EU plant neue Sanktionen

Für Ankara sei ein Militäreinsatz in dem Nachbarland "kein Thema", führte er weiter aus. Erdogan habe das Assad-Regime mehrfach aufgefordert, Gräueltaten und das unmenschliche Vorgehen der Truppen zu beenden. Auch unterbreite die türkische Seite in den vertraulichen Gesprächen praktische Vorschläge zu den nötigen Reformen. "Die Reaktion des syrischen Regimes bisher war leider enttäuschend und wenig hilfreich", bedauerte Avci.
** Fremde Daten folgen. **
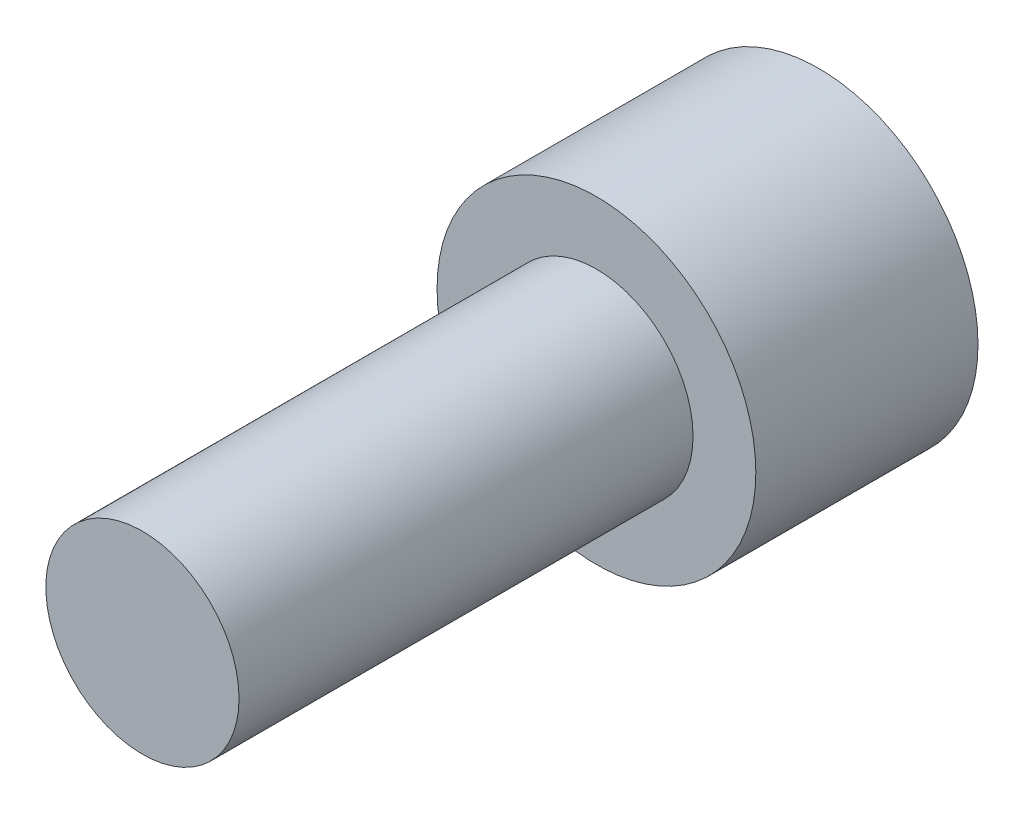
from build123d import *

# Parameters (mm, degrees)
SKETCH_1_R      = 1.65
EXTRUDE_1_DEPTH = 2.3
SKETCH_2_R      = 1
EXTRUDE_2_DEPTH = 4.7


with BuildPart() as part:
    # 草图1 → 凸台-拉伸1 (new body)
    with BuildSketch(Plane.XY):
        Circle(SKETCH_1_R)
    extrude(amount=EXTRUDE_1_DEPTH)

    # 草图2 → 凸台-拉伸2 (add)
    with BuildSketch(Plane.XY.offset(2.3)):
        Circle(SKETCH_2_R)
    extrude(amount=EXTRUDE_2_DEPTH)


solid = part.part

Die Europäische Union arbeitet derweil nach Angaben aus Diplomatenkreisen an neuen Sanktionen gegen Syrien. Eine Expertengruppe habe mit Beratungen über eine "Ausweitung der Sanktionen gegen Syrien" begonnen, sagte ein EU-Diplomat in Brüssel. Die Experten debattierten demnach über eine Reihe von "Namen und Firmen". So habe die EU rund ein Dutzend Wirtschaftsvertreter im Visier, die einer bereits bestehenden Sanktionsliste hinzugefügt werden könnten. Über Firmen, die mit der Regierung von Präsident Baschar el Assad in Verbindung stünden, werde ebenfalls diskutiert. In New York debattiert derzeit zudem der UN-Sicherheitsrat über eine Resolution zu Syrien, in der das Vorgehen der Führung gegen Demonstranten verurteilt werden soll.